C'est dans la création d'Adam qu'il atteint au chef-d'oeuvre. La beauté d'Adam, abandonné, alangui, l'élégance infinie des deux mains qui s'effleurent. "Elégance", ce mot défunt, qui ne va plus à rien, de nos jours. Ah ! ces deux mains, ces regards, ce désir, ce choix, cet accord ! Dieu est porté par des anges. L'un d'eux, aux fesses musclées, est sous lui. Pourquoi Dieu crée-t-il un homme beau, si ce n'est pour l'aimer ?
Et Michelange créa les "Ignudi".Les Nus. Ils sont vingt. Des splendeurs, fils de la peinture et la sculpture. Ils tiennent des guirlandes de soie et des bouquets de chêne, symbole de la maison papale. Des bouquets de glands qui ressemblent à s'y méprendre à... Joueur, Michelangelo !
Toutes ces nudités ont évidemment fait scandale. La pape Adrien IV a traité la Sixtine de "pot au feu de corps nus". A la mort de Michel-Ange, on a demandé à Daniele di Volterra, dit "Braghettone", d'en rhabiller quelques-uns. Même lors de la grande restauration de 1989, la plupart des petits voiles qui traînent entre les cuisses n'ont pas été enlevés. On comprend mieux pourquoi l'éclat des couleurs primitives a été critiqué, plus sensuel, succédant à des ombres de suie conventionnelles.
Mais Michel-Ange a gagné.
Contre la toute-puissance de l'Eglise, imposant son Art, sa fierté d'artiste , sa sensibilité homosexuelle, sa furia poétique qui nous fait encore trembler.
Cette oeuvre est immense parce qu'elle est libre. Puissante. Possédée par le désir. Parce qu'elle est amoureuse. Irradiante.
Il suffit de comparer le plafond de la Sixtine avec le Jugement dernier, autre chef-d'oeuvre bien sûr, pour voir le glissement vers un monde moins riche, plus raide, arraché à l'éblouissement de la pure beauté des corps. Même les élus sont tristes. Aussi tristes que le visage de la Vénus de Botticelli.

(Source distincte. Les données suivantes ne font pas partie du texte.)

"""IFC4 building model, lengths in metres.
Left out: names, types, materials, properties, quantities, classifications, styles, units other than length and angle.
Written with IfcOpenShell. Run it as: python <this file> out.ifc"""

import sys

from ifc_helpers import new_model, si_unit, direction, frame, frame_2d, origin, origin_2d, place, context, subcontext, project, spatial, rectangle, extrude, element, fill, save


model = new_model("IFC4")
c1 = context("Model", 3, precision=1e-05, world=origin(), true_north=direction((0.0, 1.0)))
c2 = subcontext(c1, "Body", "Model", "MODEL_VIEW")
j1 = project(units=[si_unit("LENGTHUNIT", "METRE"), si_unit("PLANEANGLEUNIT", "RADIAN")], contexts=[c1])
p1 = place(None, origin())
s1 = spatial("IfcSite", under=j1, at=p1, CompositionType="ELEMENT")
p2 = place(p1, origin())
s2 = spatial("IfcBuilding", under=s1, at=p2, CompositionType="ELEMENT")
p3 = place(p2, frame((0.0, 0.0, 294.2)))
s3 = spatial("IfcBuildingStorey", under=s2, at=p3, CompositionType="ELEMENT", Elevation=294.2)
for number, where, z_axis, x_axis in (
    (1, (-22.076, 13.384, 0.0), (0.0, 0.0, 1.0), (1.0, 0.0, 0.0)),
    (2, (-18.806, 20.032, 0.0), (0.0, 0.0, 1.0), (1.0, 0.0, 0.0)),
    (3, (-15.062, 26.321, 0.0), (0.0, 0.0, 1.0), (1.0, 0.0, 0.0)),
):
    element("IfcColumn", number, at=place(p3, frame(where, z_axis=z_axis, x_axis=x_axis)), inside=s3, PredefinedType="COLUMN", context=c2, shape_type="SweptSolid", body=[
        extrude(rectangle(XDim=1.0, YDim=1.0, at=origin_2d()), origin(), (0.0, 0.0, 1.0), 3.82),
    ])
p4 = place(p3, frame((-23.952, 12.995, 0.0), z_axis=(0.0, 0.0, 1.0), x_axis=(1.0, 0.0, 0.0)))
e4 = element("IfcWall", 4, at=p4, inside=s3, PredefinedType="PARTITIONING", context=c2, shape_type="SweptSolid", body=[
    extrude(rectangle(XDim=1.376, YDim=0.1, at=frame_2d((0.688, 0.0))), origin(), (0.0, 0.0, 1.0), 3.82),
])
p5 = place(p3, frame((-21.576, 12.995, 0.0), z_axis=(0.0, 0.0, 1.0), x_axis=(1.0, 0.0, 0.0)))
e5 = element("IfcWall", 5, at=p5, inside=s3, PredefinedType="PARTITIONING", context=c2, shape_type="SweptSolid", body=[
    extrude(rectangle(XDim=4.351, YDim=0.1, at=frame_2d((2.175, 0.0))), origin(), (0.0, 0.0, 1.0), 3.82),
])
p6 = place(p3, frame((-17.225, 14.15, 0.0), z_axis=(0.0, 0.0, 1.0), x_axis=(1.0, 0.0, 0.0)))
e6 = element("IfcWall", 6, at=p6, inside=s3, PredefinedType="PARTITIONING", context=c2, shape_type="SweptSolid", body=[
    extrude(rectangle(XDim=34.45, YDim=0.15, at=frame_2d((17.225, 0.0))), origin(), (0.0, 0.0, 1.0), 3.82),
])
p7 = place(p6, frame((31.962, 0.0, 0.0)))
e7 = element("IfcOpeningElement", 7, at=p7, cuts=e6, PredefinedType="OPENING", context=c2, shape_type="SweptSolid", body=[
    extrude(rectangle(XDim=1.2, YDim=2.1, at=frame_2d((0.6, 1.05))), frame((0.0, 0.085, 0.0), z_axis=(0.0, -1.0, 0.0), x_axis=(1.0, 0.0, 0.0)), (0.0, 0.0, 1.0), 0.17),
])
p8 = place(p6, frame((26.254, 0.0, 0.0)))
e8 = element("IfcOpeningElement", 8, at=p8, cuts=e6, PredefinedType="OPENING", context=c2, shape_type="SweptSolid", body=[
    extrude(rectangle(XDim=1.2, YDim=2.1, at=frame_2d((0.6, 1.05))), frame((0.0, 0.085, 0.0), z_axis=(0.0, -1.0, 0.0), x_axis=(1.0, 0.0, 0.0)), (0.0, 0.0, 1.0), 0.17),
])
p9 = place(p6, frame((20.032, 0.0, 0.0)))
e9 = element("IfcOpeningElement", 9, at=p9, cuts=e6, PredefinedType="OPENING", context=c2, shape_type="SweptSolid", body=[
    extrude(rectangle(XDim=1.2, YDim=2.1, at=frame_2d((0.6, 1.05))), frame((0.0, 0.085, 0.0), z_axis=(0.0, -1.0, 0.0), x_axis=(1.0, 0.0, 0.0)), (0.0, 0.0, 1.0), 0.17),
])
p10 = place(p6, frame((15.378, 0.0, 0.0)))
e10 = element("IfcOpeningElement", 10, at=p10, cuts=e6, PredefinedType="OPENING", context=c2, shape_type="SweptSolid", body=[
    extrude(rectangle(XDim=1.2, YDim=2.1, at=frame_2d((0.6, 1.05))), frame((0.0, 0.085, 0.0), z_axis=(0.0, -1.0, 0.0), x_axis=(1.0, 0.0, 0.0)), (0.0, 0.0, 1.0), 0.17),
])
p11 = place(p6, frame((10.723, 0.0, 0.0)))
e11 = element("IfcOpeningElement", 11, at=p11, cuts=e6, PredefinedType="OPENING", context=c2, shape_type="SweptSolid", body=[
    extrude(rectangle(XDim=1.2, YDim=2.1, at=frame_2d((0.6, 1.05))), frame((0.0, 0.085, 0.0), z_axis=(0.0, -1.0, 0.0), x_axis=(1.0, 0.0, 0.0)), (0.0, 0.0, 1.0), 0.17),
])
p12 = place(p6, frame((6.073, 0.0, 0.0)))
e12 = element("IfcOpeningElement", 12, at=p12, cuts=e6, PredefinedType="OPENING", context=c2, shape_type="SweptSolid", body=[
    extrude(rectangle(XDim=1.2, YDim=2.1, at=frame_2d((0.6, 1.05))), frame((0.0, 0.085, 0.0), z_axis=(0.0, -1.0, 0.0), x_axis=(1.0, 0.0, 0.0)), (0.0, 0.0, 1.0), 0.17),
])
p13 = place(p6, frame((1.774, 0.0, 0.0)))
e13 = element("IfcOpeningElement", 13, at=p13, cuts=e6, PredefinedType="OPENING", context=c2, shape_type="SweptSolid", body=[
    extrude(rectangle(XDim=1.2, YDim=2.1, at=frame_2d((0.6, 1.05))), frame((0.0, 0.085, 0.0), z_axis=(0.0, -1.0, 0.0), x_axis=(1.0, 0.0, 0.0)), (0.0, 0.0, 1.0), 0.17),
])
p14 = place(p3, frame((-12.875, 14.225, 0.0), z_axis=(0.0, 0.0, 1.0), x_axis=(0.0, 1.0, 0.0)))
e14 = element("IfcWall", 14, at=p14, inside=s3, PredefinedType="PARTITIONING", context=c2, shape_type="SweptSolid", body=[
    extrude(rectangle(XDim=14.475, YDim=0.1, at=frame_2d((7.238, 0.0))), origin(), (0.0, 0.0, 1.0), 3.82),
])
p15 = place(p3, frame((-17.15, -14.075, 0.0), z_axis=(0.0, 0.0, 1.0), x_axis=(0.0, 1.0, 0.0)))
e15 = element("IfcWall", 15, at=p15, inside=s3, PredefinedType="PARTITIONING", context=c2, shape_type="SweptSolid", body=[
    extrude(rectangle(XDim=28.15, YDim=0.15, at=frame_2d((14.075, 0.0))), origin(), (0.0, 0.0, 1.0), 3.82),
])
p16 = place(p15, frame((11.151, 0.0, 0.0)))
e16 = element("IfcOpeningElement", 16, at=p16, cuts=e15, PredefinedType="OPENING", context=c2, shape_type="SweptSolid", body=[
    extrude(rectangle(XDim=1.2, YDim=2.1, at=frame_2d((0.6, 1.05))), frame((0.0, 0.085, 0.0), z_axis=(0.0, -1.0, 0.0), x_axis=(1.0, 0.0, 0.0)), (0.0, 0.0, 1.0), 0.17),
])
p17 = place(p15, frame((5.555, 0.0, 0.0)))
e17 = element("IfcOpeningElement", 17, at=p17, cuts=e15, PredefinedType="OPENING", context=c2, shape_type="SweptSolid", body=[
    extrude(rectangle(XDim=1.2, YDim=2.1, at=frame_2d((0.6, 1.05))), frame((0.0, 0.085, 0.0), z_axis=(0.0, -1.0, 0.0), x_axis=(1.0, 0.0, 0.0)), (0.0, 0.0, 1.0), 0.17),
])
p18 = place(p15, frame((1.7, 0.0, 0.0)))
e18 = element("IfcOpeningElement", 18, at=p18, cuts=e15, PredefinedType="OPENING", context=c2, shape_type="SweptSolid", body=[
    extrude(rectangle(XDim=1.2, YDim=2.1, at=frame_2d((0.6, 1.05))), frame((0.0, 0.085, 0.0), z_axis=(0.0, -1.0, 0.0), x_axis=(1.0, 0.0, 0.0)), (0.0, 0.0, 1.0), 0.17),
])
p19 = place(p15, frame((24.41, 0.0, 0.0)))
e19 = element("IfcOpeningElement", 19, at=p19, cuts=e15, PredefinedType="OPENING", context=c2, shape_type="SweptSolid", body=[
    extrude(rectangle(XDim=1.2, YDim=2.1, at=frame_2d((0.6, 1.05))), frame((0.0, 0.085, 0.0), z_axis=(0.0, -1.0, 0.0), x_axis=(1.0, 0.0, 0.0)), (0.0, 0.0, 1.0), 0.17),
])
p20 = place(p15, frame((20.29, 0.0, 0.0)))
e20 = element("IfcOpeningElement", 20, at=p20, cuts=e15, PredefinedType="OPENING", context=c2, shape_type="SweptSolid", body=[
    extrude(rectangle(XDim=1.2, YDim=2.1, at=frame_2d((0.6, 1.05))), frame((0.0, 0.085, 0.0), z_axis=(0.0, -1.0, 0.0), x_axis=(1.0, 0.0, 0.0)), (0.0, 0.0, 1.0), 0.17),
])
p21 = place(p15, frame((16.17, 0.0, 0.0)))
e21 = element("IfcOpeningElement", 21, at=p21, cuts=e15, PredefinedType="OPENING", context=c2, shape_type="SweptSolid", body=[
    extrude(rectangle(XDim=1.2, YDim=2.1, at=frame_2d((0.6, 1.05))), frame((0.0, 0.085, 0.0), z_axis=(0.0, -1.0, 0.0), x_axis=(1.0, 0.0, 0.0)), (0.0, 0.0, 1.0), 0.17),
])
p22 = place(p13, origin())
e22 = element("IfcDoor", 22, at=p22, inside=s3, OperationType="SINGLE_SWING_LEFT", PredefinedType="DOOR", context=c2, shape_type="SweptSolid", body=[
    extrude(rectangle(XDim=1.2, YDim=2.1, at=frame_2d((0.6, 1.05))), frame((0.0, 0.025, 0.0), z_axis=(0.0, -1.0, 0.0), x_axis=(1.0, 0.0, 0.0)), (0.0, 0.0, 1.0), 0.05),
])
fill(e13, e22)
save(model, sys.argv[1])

Vénus sortant de l'onde cache sa nudité sous ses longs cheveux. Des femmes volent vers elle, portant des vêtements. L'innocence est finie. Celle des Ignudi. La faute originelle qui entraîne la honte est passée par là. Avoir honte de son corps... Sombre punition. Quelle pensée abjecte, cette idée, qu'un Dieu crée un homme pour le punir, pour le sauver, pour poser des conditions. On joue à quoi ?
Voilà pourquoi l'insolence de Michel-Ange qui claironne dans un faste de couleurs radieuses que l'amour de l'homme pour la vie est le seul Dieu, donne à cette voûte humainement céleste, son intouchable richesse. Comme Proust, Michel-Ange est trop varié pour qu'on puisse le retenir et l'apprendre. Il nous survole et nous anime, nous donnant , sous ses doigts, le frisson de la jouissance divine.
Je finirai par une modernité. Changement de registre .
Berlusconi se vante d'être un mec, un vrai. Pas un homo.
Va à la Sixtine, Berlusconi !
Va voir ce que c'est qu'un homo !
Fais fermer la chapelle !
Fais fermer le Vatican !
Enlève la Pietà !
Triste comparaison entre le grand Art et la petitesse de nos affaires publiques.
Du moins une chose est certaine. Michel-Ange n'aurait pas pris Berlusconi pour modèle...Ah ! Si ! pour un damné...Peut-être...Et encore...Même les damnés chez lui ont une plastique non plastifiée et surtout, une conscience de leurs fautes.